If you’ve never been fortunate enough to interact with a large group of domestic rats over an extended period of time, you may not know that rats are very similar to humans in terms of social behavior and relationships. Rats possess empathy and metacognition (they know what they know and know what they don’t know), two traits rarely found in non-primates. Each rat is an individual with a unique personality. This can make keeping numerous rats– I have 13 now– a challenge not simply because each needs care and attention, but also because the pet parent must be respectful of the rats’ bonds and relationships when caring for them. In this blog, I’ll share some anecdotes about my rats’ relationships, ranging from amusing to bittersweet.
Molly Brown, McTavish, and Connor the Third Wheel
I’ve had my rats Molly Brown and McTavish paired for some time, hoping that Molly will conceive a litter. Molly and McTavish immediately bonded upon being introduced. They sleep together, eat together, and are rarely more than a few inches from one another. Unfortunately, they seem to me like a young couple introduced in Sunday school or at an abstinence rally: They’re crazy about each other, but they spend all their time innocently grooming and cuddling or feeding each other, rather than mating!
As a result, McTavish has been away from his normal cagemate, Connor, for much longer than I had expected. Normally, rats conceive rapidly after being paired with a partner. Molly has not, so Connor is beginning to miss McTavish. I allow McTavish to spend some playtime with Connor as often as possible, but I don’t let them spend the night together, since he might miss one of Molly’s heat cycles. Unfortunately, all my other males are too elderly to tolerate Connor, so he’s been alone. Connor, feeling lonely without a playmate, has become grouchy and sullen. When McTavish is returned for playtime, though, he cheers right up! His ears come up, he bounces around the cage in excitement, and grooms McTavish enthusiastically.
If I didn’t know any better, I’d call it a love triangle.
(Note: Molly and McTavish are pedigreed rats of show quality bred for health, temperament, and looks, in that order– I am a responsible, reputable breeder and I do not under any circumstances advise pet owners to undertake breeding simply for the fun of having a litter. It’s expensive, heart-breaking, time-consuming, exhausting, and entirely not worth it unless you’re truly committed to doing whatever it takes to produce top-quality rats in an ethical way– and that goes for breeding any animal.)

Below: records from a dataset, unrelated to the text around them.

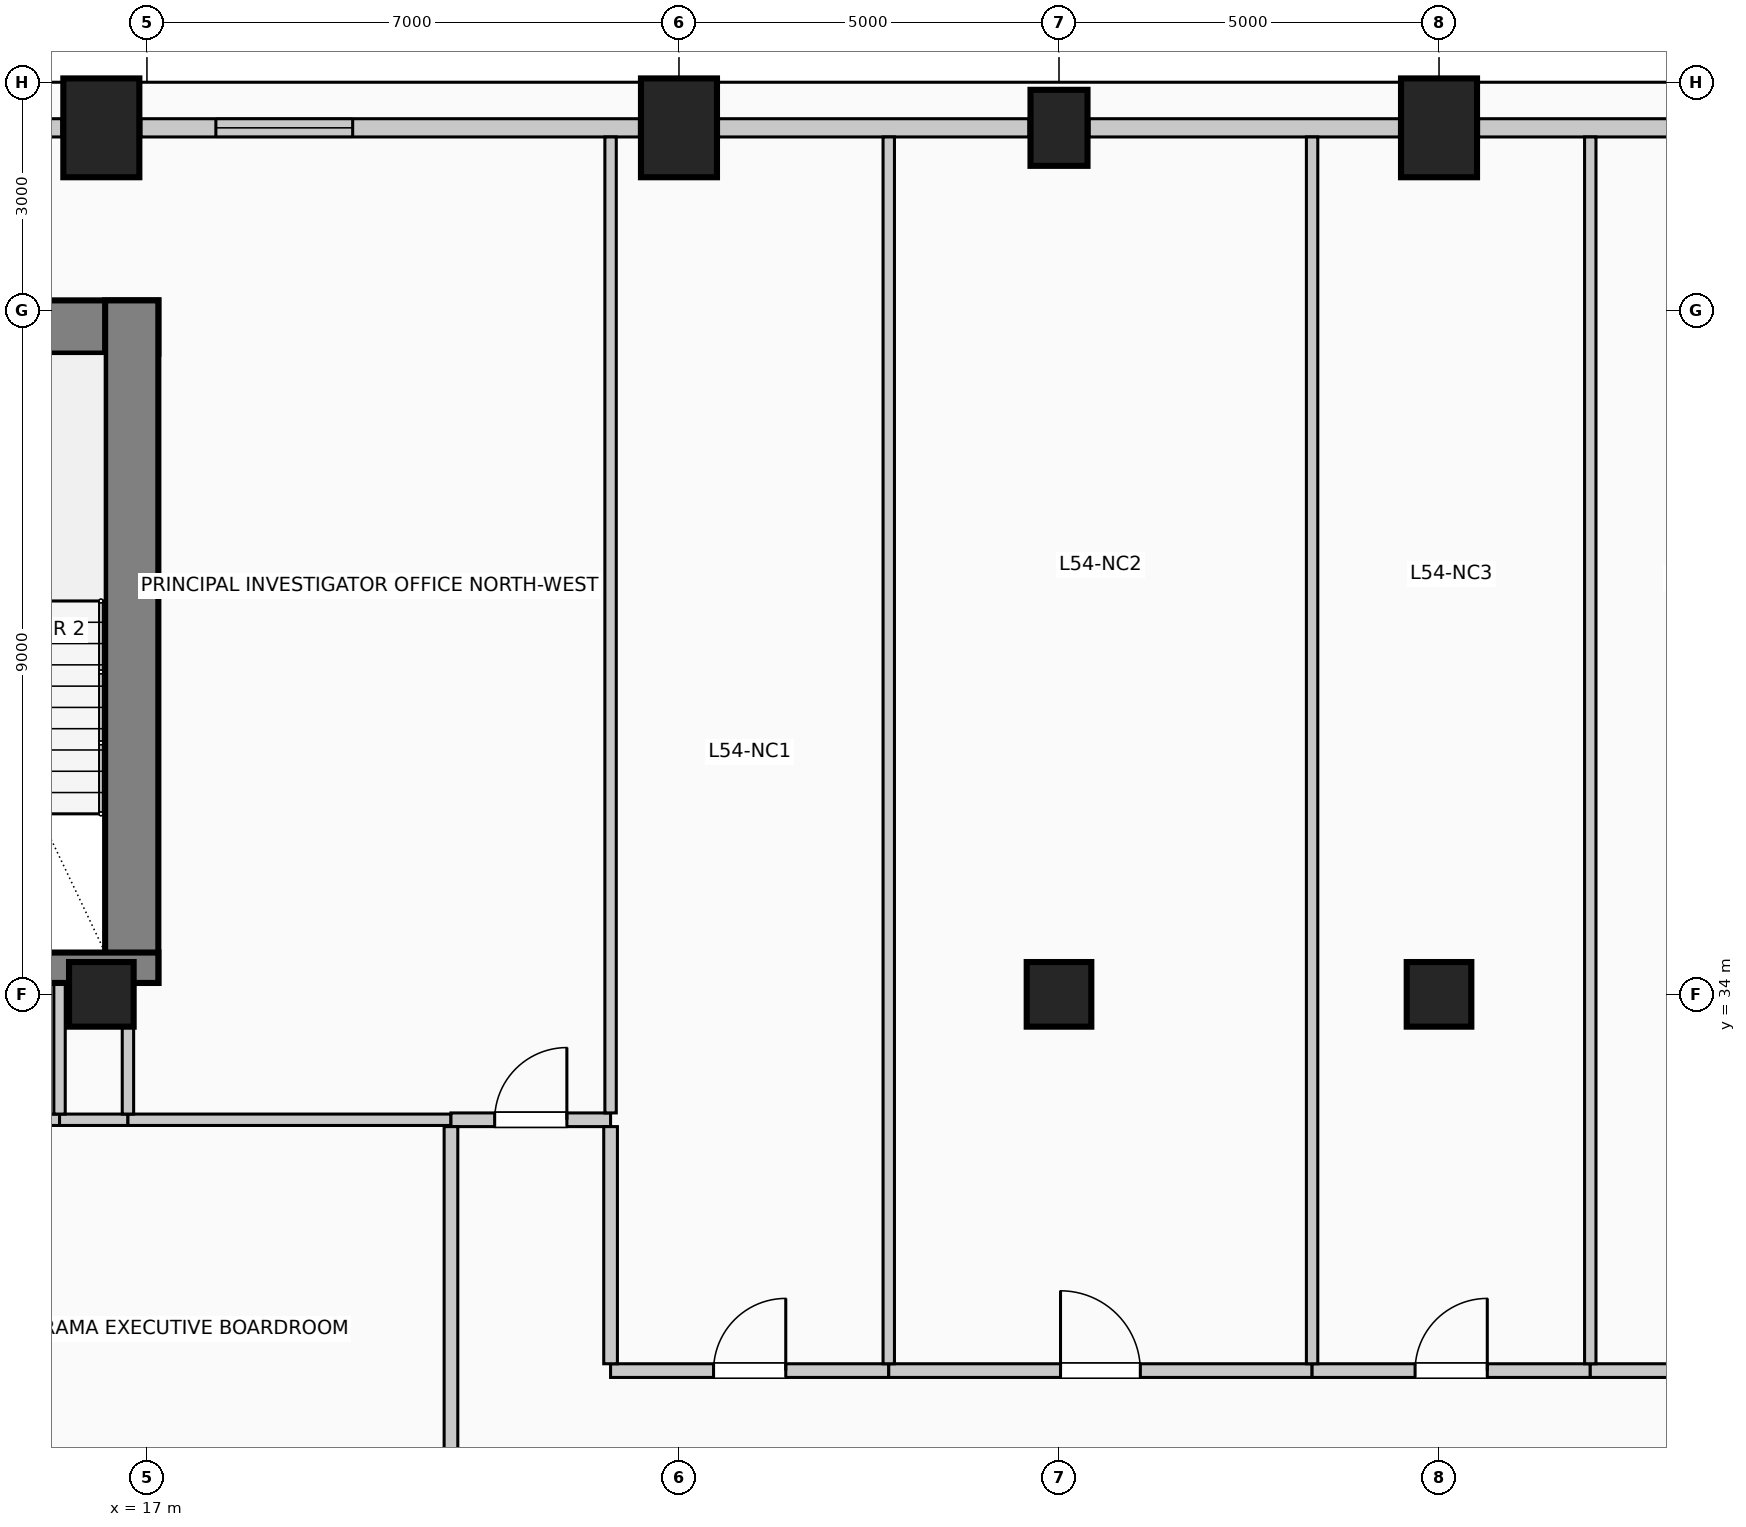
"""IFC4 building model, lengths in metres.
Left out: names, types, materials, properties, quantities, classifications, styles, units other than length and angle.
Written with IfcOpenShell. Run it as: python <this file> out.ifc"""

import sys

from ifc_helpers import new_model, si_unit, direction, frame, frame_2d, origin, origin_2d, place, context, subcontext, project, spatial, rectangle, circle, extrude, element, fill, save


model = new_model("IFC4")
c1 = context("Model", 3, precision=1e-05, world=origin(), true_north=direction((0.0, 1.0)))
c2 = subcontext(c1, "Body", "Model", "MODEL_VIEW")
j1 = project(units=[si_unit("LENGTHUNIT", "METRE"), si_unit("PLANEANGLEUNIT", "RADIAN")], contexts=[c1])
p1 = place(None, origin())
s1 = spatial("IfcSite", under=j1, at=p1, CompositionType="ELEMENT")
p2 = place(p1, origin())
s2 = spatial("IfcBuilding", under=s1, at=p2, CompositionType="ELEMENT")
p3 = place(p2, frame((0.0, 0.0, 222.6)))
s3 = spatial("IfcBuildingStorey", under=s2, at=p3, CompositionType="ELEMENT", Elevation=222.6)
p4 = place(p3, frame((2.85, 42.78, 0.0), z_axis=(0.0, 0.0, 1.0), x_axis=(1.0, 0.0, 0.0)))
e1 = element("IfcWall", 1, at=p4, inside=s3, PredefinedType="SHEAR", context=c2, shape_type="SweptSolid", body=[
    extrude(rectangle(XDim=14.3, YDim=0.7, at=frame_2d((7.15, 0.0))), origin(), (0.0, 0.0, 1.0), 4.0),
])
p5 = place(p3, frame((16.8, 34.15, 0.0), z_axis=(0.0, 0.0, 1.0), x_axis=(0.0, 1.0, 0.0)))
e2 = element("IfcWall", 2, at=p5, inside=s3, PredefinedType="SHEAR", context=c2, shape_type="SweptSolid", body=[
    extrude(rectangle(XDim=8.98, YDim=0.7, at=frame_2d((4.49, 0.0))), origin(), (0.0, 0.0, 1.0), 4.0),
])
p6 = place(p3, frame((12.29, 34.35, 0.0), z_axis=(0.0, 0.0, 1.0), x_axis=(1.0, 0.0, 0.0)))
e3 = element("IfcWall", 3, at=p6, inside=s3, PredefinedType="SHEAR", context=c2, shape_type="SweptSolid", body=[
    extrude(rectangle(XDim=4.86, YDim=0.4, at=frame_2d((2.43, 0.0))), origin(), (0.0, 0.0, 1.0), 4.0),
])
p7 = place(p6, frame((1.4, 0.0, 0.0)))
e4 = element("IfcOpeningElement", 4, at=p7, cuts=e3, PredefinedType="OPENING", context=c2, shape_type="SweptSolid", body=[
    extrude(rectangle(XDim=1.15, YDim=2.2, at=frame_2d((0.575, 1.1))), frame((0.0, 0.21, 0.0), z_axis=(0.0, -1.0, 0.0), x_axis=(1.0, 0.0, 0.0)), (0.0, 0.0, 1.0), 0.42),
])
for number, where, z_axis, x_axis in (
    (5, (16.4, 45.4, 0.0), (0.0, 0.0, 1.0), (1.0, 0.0, 0.0)),
    (6, (24.0, 45.4, 0.0), (0.0, 0.0, 1.0), (1.0, 0.0, 0.0)),
):
    element("IfcColumn", number, at=place(p3, frame(where, z_axis=z_axis, x_axis=x_axis)), inside=s3, PredefinedType="COLUMN", context=c2, shape_type="SweptSolid", body=[
        extrude(rectangle(XDim=1.0, YDim=1.3, at=origin_2d()), origin(), (0.0, 0.0, 1.0), 4.0),
    ])
p8 = place(p3, frame((29.0, 45.4, 0.0), z_axis=(0.0, 0.0, 1.0), x_axis=(1.0, 0.0, 0.0)))
e7 = element("IfcColumn", 7, at=p8, inside=s3, PredefinedType="COLUMN", context=c2, shape_type="SweptSolid", body=[
    extrude(rectangle(XDim=0.75, YDim=1.0, at=origin_2d()), origin(), (0.0, 0.0, 1.0), 4.0),
])
p9 = place(p3, frame((34.0, 45.4, 0.0), z_axis=(0.0, 0.0, 1.0), x_axis=(1.0, 0.0, 0.0)))
e8 = element("IfcColumn", 8, at=p9, inside=s3, PredefinedType="COLUMN", context=c2, shape_type="SweptSolid", body=[
    extrude(rectangle(XDim=1.0, YDim=1.3, at=origin_2d()), origin(), (0.0, 0.0, 1.0), 4.0),
])
for number, where, z_axis, x_axis in (
    (9, (16.4, 34.0, 0.0), (0.0, 0.0, 1.0), (1.0, 0.0, 0.0)),
    (10, (29.0, 34.0, 0.0), (0.0, 0.0, 1.0), (1.0, 0.0, 0.0)),
    (11, (34.0, 34.0, 0.0), (0.0, 0.0, 1.0), (1.0, 0.0, 0.0)),
):
    element("IfcColumn", number, at=place(p3, frame(where, z_axis=z_axis, x_axis=x_axis)), inside=s3, PredefinedType="COLUMN", context=c2, shape_type="SweptSolid", body=[
        extrude(circle(Radius=0.425, at=origin_2d()), origin(), (0.0, 0.0, 1.0), 4.0),
    ])
p10 = place(p3, frame((14.395, 45.4, 0.0), z_axis=(0.0, 0.0, 1.0), x_axis=(1.0, 0.0, 0.0)))
e12 = element("IfcWall", 12, at=p10, inside=s3, PredefinedType="SOLIDWALL", context=c2, shape_type="SweptSolid", body=[
    extrude(rectangle(XDim=1.485, YDim=0.24, at=frame_2d((0.742, 0.0))), origin(), (0.0, 0.0, 1.0), 3.0),
])
p11 = place(p3, frame((16.92, 45.4, 0.0), z_axis=(0.0, 0.0, 1.0), x_axis=(1.0, 0.0, 0.0)))
e13 = element("IfcWall", 13, at=p11, inside=s3, PredefinedType="SOLIDWALL", context=c2, shape_type="SweptSolid", body=[
    extrude(rectangle(XDim=6.56, YDim=0.24, at=frame_2d((3.28, 0.0))), origin(), (0.0, 0.0, 1.0), 3.0),
])
p12 = place(p11, frame((0.987, 0.0, 0.42)))
e14 = element("IfcOpeningElement", 14, at=p12, cuts=e13, PredefinedType="OPENING", context=c2, shape_type="SweptSolid", body=[
    extrude(rectangle(XDim=1.8, YDim=2.2, at=frame_2d((0.9, 1.1))), frame((0.0, 0.13, 0.0), z_axis=(0.0, -1.0, 0.0), x_axis=(1.0, 0.0, 0.0)), (0.0, 0.0, 1.0), 0.26),
])
for number, where, z_axis, x_axis in (
    (15, (24.52, 45.4, 0.0), (0.0, 0.0, 1.0), (1.0, 0.0, 0.0)),
    (16, (29.395, 45.4, 0.0), (0.0, 0.0, 1.0), (1.0, 0.0, 0.0)),
):
    element("IfcWall", number, at=place(p3, frame(where, z_axis=z_axis, x_axis=x_axis)), inside=s3, PredefinedType="SOLIDWALL", context=c2, shape_type="SweptSolid", body=[
        extrude(rectangle(XDim=4.085, YDim=0.24, at=frame_2d((2.042, 0.0))), origin(), (0.0, 0.0, 1.0), 3.0),
    ])
p13 = place(p3, frame((34.52, 45.4, 0.0), z_axis=(0.0, 0.0, 1.0), x_axis=(1.0, 0.0, 0.0)))
e17 = element("IfcWall", 17, at=p13, inside=s3, PredefinedType="SOLIDWALL", context=c2, shape_type="SweptSolid", body=[
    extrude(rectangle(XDim=6.56, YDim=0.24, at=frame_2d((3.28, 0.0))), origin(), (0.0, 0.0, 1.0), 3.0),
])
p14 = place(p13, frame((3.773, 0.0, 0.42)))
e18 = element("IfcOpeningElement", 18, at=p14, cuts=e17, PredefinedType="OPENING", context=c2, shape_type="SweptSolid", body=[
    extrude(rectangle(XDim=1.8, YDim=2.2, at=frame_2d((0.9, 1.1))), frame((0.0, 0.13, 0.0), z_axis=(0.0, -1.0, 0.0), x_axis=(1.0, 0.0, 0.0)), (0.0, 0.0, 1.0), 0.26),
])
p15 = place(p3, frame((23.1, 29.05, 0.0), z_axis=(0.0, 0.0, 1.0), x_axis=(1.0, 0.0, 0.0)))
e19 = element("IfcWall", 19, at=p15, inside=s3, PredefinedType="PARTITIONING", context=c2, shape_type="SweptSolid", body=[
    extrude(rectangle(XDim=3.66, YDim=0.18, at=frame_2d((1.83, 0.0))), origin(), (0.0, 0.0, 1.0), 3.75),
])
p16 = place(p15, frame((1.355, 0.0, 0.0)))
e20 = element("IfcOpeningElement", 20, at=p16, cuts=e19, PredefinedType="OPENING", context=c2, shape_type="SweptSolid", body=[
    extrude(rectangle(XDim=0.95, YDim=2.15, at=frame_2d((0.475, 1.075))), frame((0.0, 0.1, 0.0), z_axis=(0.0, -1.0, 0.0), x_axis=(1.0, 0.0, 0.0)), (0.0, 0.0, 1.0), 0.2),
])
p17 = place(p3, frame((26.76, 29.05, 0.0), z_axis=(0.0, 0.0, 1.0), x_axis=(1.0, 0.0, 0.0)))
e21 = element("IfcWall", 21, at=p17, inside=s3, PredefinedType="PARTITIONING", context=c2, shape_type="SweptSolid", body=[
    extrude(rectangle(XDim=5.57, YDim=0.18, at=frame_2d((2.785, 0.0))), origin(), (0.0, 0.0, 1.0), 3.75),
])
p18 = place(p17, frame((2.26, 0.0, 0.0)))
e22 = element("IfcOpeningElement", 22, at=p18, cuts=e21, PredefinedType="OPENING", context=c2, shape_type="SweptSolid", body=[
    extrude(rectangle(XDim=1.05, YDim=2.15, at=frame_2d((0.525, 1.075))), frame((0.0, 0.1, 0.0), z_axis=(0.0, -1.0, 0.0), x_axis=(1.0, 0.0, 0.0)), (0.0, 0.0, 1.0), 0.2),
])
p19 = place(p3, frame((32.33, 29.05, 0.0), z_axis=(0.0, 0.0, 1.0), x_axis=(1.0, 0.0, 0.0)))
e23 = element("IfcWall", 23, at=p19, inside=s3, PredefinedType="PARTITIONING", context=c2, shape_type="SweptSolid", body=[
    extrude(rectangle(XDim=3.66, YDim=0.18, at=frame_2d((1.83, 0.0))), origin(), (0.0, 0.0, 1.0), 3.75),
])
p20 = place(p19, frame((1.355, 0.0, 0.0)))
e24 = element("IfcOpeningElement", 24, at=p20, cuts=e23, PredefinedType="OPENING", context=c2, shape_type="SweptSolid", body=[
    extrude(rectangle(XDim=0.95, YDim=2.15, at=frame_2d((0.475, 1.075))), frame((0.0, 0.1, 0.0), z_axis=(0.0, -1.0, 0.0), x_axis=(1.0, 0.0, 0.0)), (0.0, 0.0, 1.0), 0.2),
])
p21 = place(p3, frame((35.99, 29.05, 0.0), z_axis=(0.0, 0.0, 1.0), x_axis=(1.0, 0.0, 0.0)))
e25 = element("IfcWall", 25, at=p21, inside=s3, PredefinedType="PARTITIONING", context=c2, shape_type="SweptSolid", body=[
    extrude(rectangle(XDim=5.56, YDim=0.18, at=frame_2d((2.78, 0.0))), origin(), (0.0, 0.0, 1.0), 3.75),
])
p22 = place(p21, frame((2.255, 0.0, 0.0)))
e26 = element("IfcOpeningElement", 26, at=p22, cuts=e25, PredefinedType="OPENING", context=c2, shape_type="SweptSolid", body=[
    extrude(rectangle(XDim=1.05, YDim=2.15, at=frame_2d((0.525, 1.075))), frame((0.0, 0.1, 0.0), z_axis=(0.0, -1.0, 0.0), x_axis=(1.0, 0.0, 0.0)), (0.0, 0.0, 1.0), 0.2),
])
p23 = place(p3, frame((12.33, 32.35, 0.0), z_axis=(0.0, 0.0, 1.0), x_axis=(1.0, 0.0, 0.0)))
e27 = element("IfcWall", 27, at=p23, inside=s3, PredefinedType="PARTITIONING", context=c2, shape_type="SweptSolid", body=[
    extrude(rectangle(XDim=3.52, YDim=0.15, at=frame_2d((1.76, 0.0))), origin(), (0.0, 0.0, 1.0), 3.75),
])
p24 = place(p23, frame((1.235, 0.0, 0.0)))
e28 = element("IfcOpeningElement", 28, at=p24, cuts=e27, PredefinedType="OPENING", context=c2, shape_type="SweptSolid", body=[
    extrude(rectangle(XDim=1.05, YDim=2.15, at=frame_2d((0.525, 1.075))), frame((0.0, 0.085, 0.0), z_axis=(0.0, -1.0, 0.0), x_axis=(1.0, 0.0, 0.0)), (0.0, 0.0, 1.0), 0.17),
])
p25 = place(p3, frame((15.85, 32.35, 0.0), z_axis=(0.0, 0.0, 1.0), x_axis=(1.0, 0.0, 0.0)))
e29 = element("IfcWall", 29, at=p25, inside=s3, PredefinedType="PARTITIONING", context=c2, shape_type="SweptSolid", body=[
    extrude(rectangle(XDim=0.9, YDim=0.15, at=frame_2d((0.45, 0.0))), origin(), (0.0, 0.0, 1.0), 3.75),
])
p26 = place(p3, frame((16.75, 32.35, 0.0), z_axis=(0.0, 0.0, 1.0), x_axis=(1.0, 0.0, 0.0)))
e30 = element("IfcWall", 30, at=p26, inside=s3, PredefinedType="PARTITIONING", context=c2, shape_type="SweptSolid", body=[
    extrude(rectangle(XDim=4.25, YDim=0.15, at=frame_2d((2.125, 0.0))), origin(), (0.0, 0.0, 1.0), 3.75),
])
p27 = place(p3, frame((21.0, 32.35, 0.0), z_axis=(0.0, 0.0, 1.0), x_axis=(1.0, 0.0, 0.0)))
e31 = element("IfcWall", 31, at=p27, inside=s3, PredefinedType="PARTITIONING", context=c2, shape_type="SweptSolid", body=[
    extrude(rectangle(XDim=2.1, YDim=0.18, at=frame_2d((1.05, 0.0))), origin(), (0.0, 0.0, 1.0), 3.75),
])
p28 = place(p27, frame((0.575, 0.0, 0.0)))
e32 = element("IfcOpeningElement", 32, at=p28, cuts=e31, PredefinedType="OPENING", context=c2, shape_type="SweptSolid", body=[
    extrude(rectangle(XDim=0.95, YDim=2.15, at=frame_2d((0.475, 1.075))), frame((0.0, 0.1, 0.0), z_axis=(0.0, -1.0, 0.0), x_axis=(1.0, 0.0, 0.0)), (0.0, 0.0, 1.0), 0.2),
])
p29 = place(p3, frame((15.85, 32.425, 0.0), z_axis=(0.0, 0.0, 1.0), x_axis=(0.0, 1.0, 0.0)))
e33 = element("IfcWall", 33, at=p29, inside=s3, PredefinedType="PARTITIONING", context=c2, shape_type="SweptSolid", body=[
    extrude(rectangle(XDim=1.725, YDim=0.15, at=frame_2d((0.862, 0.0))), origin(), (0.0, 0.0, 1.0), 3.75),
])
p30 = place(p3, frame((16.75, 32.425, 0.0), z_axis=(0.0, 0.0, 1.0), x_axis=(0.0, 1.0, 0.0)))
e34 = element("IfcWall", 34, at=p30, inside=s3, PredefinedType="PARTITIONING", context=c2, shape_type="SweptSolid", body=[
    extrude(rectangle(XDim=1.15, YDim=0.15, at=frame_2d((0.575, 0.0))), origin(), (0.0, 0.0, 1.0), 3.75),
])
p31 = place(p3, frame((21.0, 26.925, 0.0), z_axis=(0.0, 0.0, 1.0), x_axis=(0.0, 1.0, 0.0)))
e35 = element("IfcWall", 35, at=p31, inside=s3, PredefinedType="PARTITIONING", context=c2, shape_type="SweptSolid", body=[
    extrude(rectangle(XDim=5.335, YDim=0.18, at=frame_2d((2.667, 0.0))), origin(), (0.0, 0.0, 1.0), 3.75),
])
p32 = place(p3, frame((23.1, 29.14, 0.0), z_axis=(0.0, 0.0, 1.0), x_axis=(0.0, 1.0, 0.0)))
e36 = element("IfcWall", 36, at=p32, inside=s3, PredefinedType="PARTITIONING", context=c2, shape_type="SweptSolid", body=[
    extrude(rectangle(XDim=3.12, YDim=0.18, at=frame_2d((1.56, 0.0))), origin(), (0.0, 0.0, 1.0), 3.75),
])
p33 = place(p3, frame((23.1, 32.44, 0.0), z_axis=(0.0, 0.0, 1.0), x_axis=(0.0, 1.0, 0.0)))
e37 = element("IfcWall", 37, at=p33, inside=s3, PredefinedType="PARTITIONING", context=c2, shape_type="SweptSolid", body=[
    extrude(rectangle(XDim=12.84, YDim=0.15, at=frame_2d((6.42, 0.0))), origin(), (0.0, 0.0, 1.0), 3.75),
])
for number, where, z_axis, x_axis in (
    (38, (26.76, 29.14, 0.0), (0.0, 0.0, 1.0), (0.0, 1.0, 0.0)),
    (39, (32.33, 29.14, 0.0), (0.0, 0.0, 1.0), (0.0, 1.0, 0.0)),
    (40, (35.99, 29.14, 0.0), (0.0, 0.0, 1.0), (0.0, 1.0, 0.0)),
):
    element("IfcWall", number, at=place(p3, frame(where, z_axis=z_axis, x_axis=x_axis)), inside=s3, PredefinedType="PARTITIONING", context=c2, shape_type="SweptSolid", body=[
        extrude(rectangle(XDim=16.14, YDim=0.15, at=frame_2d((8.07, 0.0))), origin(), (0.0, 0.0, 1.0), 3.75),
    ])
p34 = place(p12, origin())
e41 = element("IfcWindow", 41, at=p34, inside=s3, PartitioningType="SINGLE_PANEL", PredefinedType="WINDOW", context=c2, shape_type="SweptSolid", body=[
    extrude(rectangle(XDim=1.8, YDim=2.2, at=frame_2d((0.9, 1.1))), frame((0.0, 0.03, 0.0), z_axis=(0.0, -1.0, 0.0), x_axis=(1.0, 0.0, 0.0)), (0.0, 0.0, 1.0), 0.06),
])
fill(e14, e41)
p35 = place(p16, origin())
e42 = element("IfcDoor", 42, at=p35, inside=s3, OperationType="SINGLE_SWING_RIGHT", PredefinedType="DOOR", context=c2, shape_type="SweptSolid", body=[
    extrude(rectangle(XDim=0.95, YDim=2.15, at=frame_2d((0.475, 1.075))), frame((0.0, 0.025, 0.0), z_axis=(0.0, -1.0, 0.0), x_axis=(1.0, 0.0, 0.0)), (0.0, 0.0, 1.0), 0.05),
])
fill(e20, e42)
p36 = place(p18, origin())
e43 = element("IfcDoor", 43, at=p36, inside=s3, OperationType="SINGLE_SWING_LEFT", PredefinedType="DOOR", context=c2, shape_type="SweptSolid", body=[
    extrude(rectangle(XDim=1.05, YDim=2.15, at=frame_2d((0.525, 1.075))), frame((0.0, 0.025, 0.0), z_axis=(0.0, -1.0, 0.0), x_axis=(1.0, 0.0, 0.0)), (0.0, 0.0, 1.0), 0.05),
])
fill(e22, e43)
p37 = place(p20, origin())
e44 = element("IfcDoor", 44, at=p37, inside=s3, OperationType="SINGLE_SWING_RIGHT", PredefinedType="DOOR", context=c2, shape_type="SweptSolid", body=[
    extrude(rectangle(XDim=0.95, YDim=2.15, at=frame_2d((0.475, 1.075))), frame((0.0, 0.025, 0.0), z_axis=(0.0, -1.0, 0.0), x_axis=(1.0, 0.0, 0.0)), (0.0, 0.0, 1.0), 0.05),
])
fill(e24, e44)
p38 = place(p28, origin())
e45 = element("IfcDoor", 45, at=p38, inside=s3, OperationType="SINGLE_SWING_RIGHT", PredefinedType="DOOR", context=c2, shape_type="SweptSolid", body=[
    extrude(rectangle(XDim=0.95, YDim=2.15, at=frame_2d((0.475, 1.075))), frame((0.0, 0.025, 0.0), z_axis=(0.0, -1.0, 0.0), x_axis=(1.0, 0.0, 0.0)), (0.0, 0.0, 1.0), 0.05),
])
fill(e32, e45)
save(model, sys.argv[1])

Magellan and Crimp: Loving Siblings
When I first became a rat owner, I fostered a pregnant female and her litter for a breeder overwhelmed by circumstances. The litter consisted of twelve rats. Of these, I kept three, and the remaining nine were adopted by various individuals. Sadly, I lacked the experience necessary to choose the right homes, and two of the adopters returned their rats to me after they’d already become adults and would be much harder to adopt out than cute little baby rats had been. Two of the four rats returned found a lovely new home. The other two were slated to go to a great home, but needed to be neutered in order to live with the adopter’s female rats. Sadly, one of the pair didn’t survive surgery, and I ended up keeping the remaining male, Magellan.
Magellan was the spitting image of his sister, Crimp, despite spending most of their adult lives over 100 miles apart with very different owners. After he was truly sterile (rats can still impregnate a female for up to three weeks after neutering!), I reintroduced the pair. At first, Magellan was too busy being fascinated with the experience of meeting female rats to be interested in individuals– Crimp lives with four other females, and now, so does Magellan. But as time went on, it quickly became clear that his favorite friend and partner in crime was his sister. The two now sleep together, groom one another, and band together against Una, the petite but fierce bully of the group.
Magellan and Crimp are both fairly elderly rats now, and remain closely bonded. Both have (knock wood) had good health thus far, but I find myself worrying about the future. I hope that their many similarities extend to a very similar lifespan– I don’t know what either would do if the other passed first.
Did Magellan and Crimp recognize each other after living apart for so long? Common sense says no– after all, rat siblings will happily breed quite happily. There is no instinctual incest taboo in rat society. But sometimes I look at them curled up together and wonder if, somehow, they knew they’d met before, or at least each felt the other “new” rat was strangely familiar.